An agent calls billing.charge with an invalid invoice ID. The raw MCP server returns "Error: not found". The agent retries with the same ID. And again. And again. 3 retries wasted — and the agent still doesn't know what to do.

How MCP Fusion Solves It

Self-Healing Errors with structured recovery instructions:

typescript
export default f.mutation('billing.charge')
  .describe('Charge an invoice')
  .withString('invoice_id', 'Invoice ID')
  .handle(async (input, ctx) => {
    const invoice = await ctx.db.invoices.findUnique({
      where: { id: input.invoice_id },
    });

    if (!invoice) {
      return f.error('NOT_FOUND', `Invoice "${input.invoice_id}" not found`)
        .suggest('Use billing.list_invoices to find valid IDs, then retry.')
        .actions('billing.list_invoices');
    }

    if (invoice.status === 'paid') {
      return f.error('CONFLICT', `Invoice "${input.invoice_id}" is already paid`)
        .suggest('No action needed. The invoice is settled.');
    }

    return ctx.payments.charge(invoice);
  });

The AI receives structured XML with the exact next step:

xml
<tool_error code="NOT_FOUND" severity="error">
  <message>Invoice "INV-999" not found</message>
  <recovery>Use billing.list_invoices to find valid IDs, then retry.</recovery>
  <available_actions>
    <action>billing.list_invoices</action>
  </available_actions>
</tool_error>

The agent calls billing.list_invoices, finds the correct ID, and retries successfully — on the first attempt.


Data Leaking to the LLM

The Problem

A handler returns a full database record: password hash, internal flags, tenant IDs, API keys. All of it reaches the LLM context window — a privacy and security nightmare.

How MCP Fusion Solves It

Presenter Egress Firewall — Zod .strip() validation removes undeclared fields in RAM before the response is serialized:

typescript
const UserPresenter = createPresenter('User')
  .schema({
    id:    t.string,
    name:  t.string,
    email: t.string,
    role:  t.enum('admin', 'member', 'guest'),
  })
  .rules(['NEVER expose internal IDs or password hashes.']);

The handler can return the full database object — { id, name, email, role, password_hash, tenant_id, internal_flags } — and the Presenter strips it to { id, name, email, role }. The LLM never sees password_hash, tenant_id, or internal_flags.

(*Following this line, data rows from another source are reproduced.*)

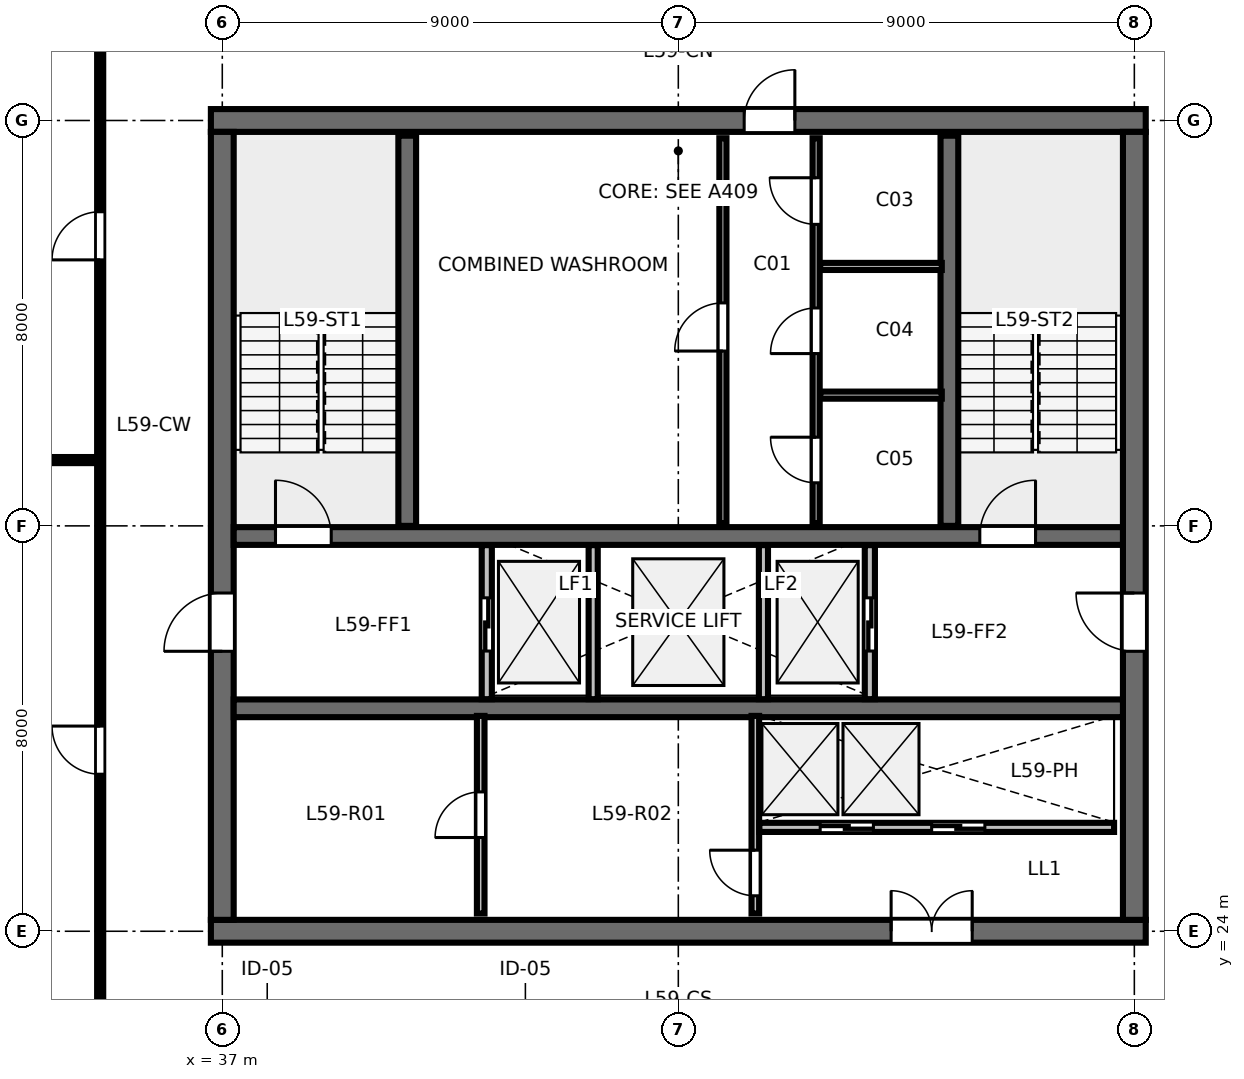
"""IFC4 building model, lengths in metres.
Left out: names, types, materials, properties, quantities, classifications, styles, units other than length and angle.
Written with IfcOpenShell. Run it as: python <this file> out.ifc"""

import sys

from ifc_helpers import new_model, si_unit, direction, frame, frame_2d, origin, place, context, subcontext, project, spatial, rectangle, extrude, element, fill, save


model = new_model("IFC4")
c1 = context("Model", 3, precision=1e-05, world=origin(), true_north=direction((0.0, 1.0)))
c2 = subcontext(c1, "Body", "Model", "MODEL_VIEW")
j1 = project(units=[si_unit("LENGTHUNIT", "METRE"), si_unit("PLANEANGLEUNIT", "RADIAN")], contexts=[c1])
p1 = place(None, origin())
s1 = spatial("IfcSite", under=j1, at=p1, CompositionType="ELEMENT")
p2 = place(p1, origin())
s2 = spatial("IfcBuilding", under=s1, at=p2, CompositionType="ELEMENT")
p3 = place(p2, frame((0.0, 0.0, 223.8)))
s3 = spatial("IfcBuildingStorey", under=s2, at=p3, CompositionType="ELEMENT", Elevation=223.8)
p4 = place(p3, frame((36.775, 24.0, 0.0), z_axis=(0.0, 0.0, 1.0), x_axis=(1.0, 0.0, 0.0)))
e1 = element("IfcWall", 1, at=p4, inside=s3, PredefinedType="SHEAR", context=c2, shape_type="SweptSolid", body=[
    extrude(rectangle(XDim=18.45, YDim=0.45, at=frame_2d((9.225, 0.0))), origin(), (0.0, 0.0, 1.0), 3.36),
])
p5 = place(p4, frame((13.425, 0.0, 0.0)))
e2 = element("IfcOpeningElement", 2, at=p5, cuts=e1, PredefinedType="OPENING", context=c2, shape_type="SweptSolid", body=[
    extrude(rectangle(XDim=1.6, YDim=2.15, at=frame_2d((0.8, 1.075))), frame((0.0, 0.235, 0.0), z_axis=(0.0, -1.0, 0.0), x_axis=(1.0, 0.0, 0.0)), (0.0, 0.0, 1.0), 0.47),
])
p6 = place(p3, frame((36.775, 40.0, 0.0), z_axis=(0.0, 0.0, 1.0), x_axis=(1.0, 0.0, 0.0)))
e3 = element("IfcWall", 3, at=p6, inside=s3, PredefinedType="SHEAR", context=c2, shape_type="SweptSolid", body=[
    extrude(rectangle(XDim=18.45, YDim=0.45, at=frame_2d((9.225, 0.0))), origin(), (0.0, 0.0, 1.0), 3.36),
])
p7 = place(p6, frame((10.525, 0.0, 0.0)))
e4 = element("IfcOpeningElement", 4, at=p7, cuts=e3, PredefinedType="OPENING", context=c2, shape_type="SweptSolid", body=[
    extrude(rectangle(XDim=1.0, YDim=2.15, at=frame_2d((0.5, 1.075))), frame((0.0, 0.235, 0.0), z_axis=(0.0, -1.0, 0.0), x_axis=(1.0, 0.0, 0.0)), (0.0, 0.0, 1.0), 0.47),
])
p8 = place(p3, frame((37.0, 24.225, 0.0), z_axis=(0.0, 0.0, 1.0), x_axis=(0.0, 1.0, 0.0)))
e5 = element("IfcWall", 5, at=p8, inside=s3, PredefinedType="SHEAR", context=c2, shape_type="SweptSolid", body=[
    extrude(rectangle(XDim=15.55, YDim=0.45, at=frame_2d((7.775, 0.0))), origin(), (0.0, 0.0, 1.0), 3.36),
])
p9 = place(p8, frame((5.3, 0.0, 0.0)))
e6 = element("IfcOpeningElement", 6, at=p9, cuts=e5, PredefinedType="OPENING", context=c2, shape_type="SweptSolid", body=[
    extrude(rectangle(XDim=1.15, YDim=2.15, at=frame_2d((0.575, 1.075))), frame((0.0, 0.235, 0.0), z_axis=(0.0, -1.0, 0.0), x_axis=(1.0, 0.0, 0.0)), (0.0, 0.0, 1.0), 0.47),
])
p10 = place(p3, frame((55.0, 24.225, 0.0), z_axis=(0.0, 0.0, 1.0), x_axis=(0.0, 1.0, 0.0)))
e7 = element("IfcWall", 7, at=p10, inside=s3, PredefinedType="SHEAR", context=c2, shape_type="SweptSolid", body=[
    extrude(rectangle(XDim=15.55, YDim=0.45, at=frame_2d((7.775, 0.0))), origin(), (0.0, 0.0, 1.0), 3.36),
])
p11 = place(p10, frame((5.3, 0.0, 0.0)))
e8 = element("IfcOpeningElement", 8, at=p11, cuts=e7, PredefinedType="OPENING", context=c2, shape_type="SweptSolid", body=[
    extrude(rectangle(XDim=1.15, YDim=2.15, at=frame_2d((0.575, 1.075))), frame((0.0, 0.235, 0.0), z_axis=(0.0, -1.0, 0.0), x_axis=(1.0, 0.0, 0.0)), (0.0, 0.0, 1.0), 0.47),
])
p12 = place(p3, frame((37.225, 31.8, 0.0), z_axis=(0.0, 0.0, 1.0), x_axis=(1.0, 0.0, 0.0)))
e9 = element("IfcWall", 9, at=p12, inside=s3, PredefinedType="SHEAR", context=c2, shape_type="SweptSolid", body=[
    extrude(rectangle(XDim=17.55, YDim=0.35, at=frame_2d((8.775, 0.0))), origin(), (0.0, 0.0, 1.0), 3.36),
])
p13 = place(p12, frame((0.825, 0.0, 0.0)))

Race Conditions on Destructive Operations

The Problem

Two concurrent requests: one deletes user #42, the other updates user #42. Without serialization, the update succeeds against a ghost record — or worse, re-creates a partial entry.

How MCP Fusion Solves It

Mutation Serializer — zero-config for all f.mutation() tools:

typescript
export default f.mutation('users.delete')
  .describe('Delete a user permanently')
  .withString('id', 'User ID')
  .handle(async (input, ctx) => {
    await ctx.db.user.delete({ where: { id: input.id } });
    return { deleted: input.id };
  });

The MutationSerializer serializes all destructive operations per action key:

text
delete_user("42") → executes immediately
update_user("42") → waits for delete to complete → then executes
list_users()      → runs in parallel (readOnly — not serialized)

Promise-chaining per action key. No external locks. No shared memory. Zero overhead for read-only operations. Automatic garbage collection of completed chains.


Summary

IssueRoot CauseMCP Fusion Mechanism
Partial failure in multi-step opsNo transaction across tool callsCompose as single tool with manual compensation
Parameter hallucinationLLM generates invalid schemaZod .strict() rejects undeclared fields
Thundering herdLLM fires N identical callsConcurrencyGuard + MutationSerializer
Context window overflowUnbounded response sizePresenter .limit() with system guidance
Stale data after mutationsNo invalidation signalState Sync .invalidates()
Blind retry loopsNo recovery instructions in errorsf.error() with .suggest() and .actions()
Data leaking to LLMNo egress filteringPresenter Egress Firewall (Zod .strip())
Race conditionsConcurrent destructive mutationsMutationSerializer (automatic for mutations)

IMPORTANT

These are not edge cases — they are the default behavior of AI agents interacting with any MCP server. Building a production-grade MCP server without addressing them is building a system designed to fail.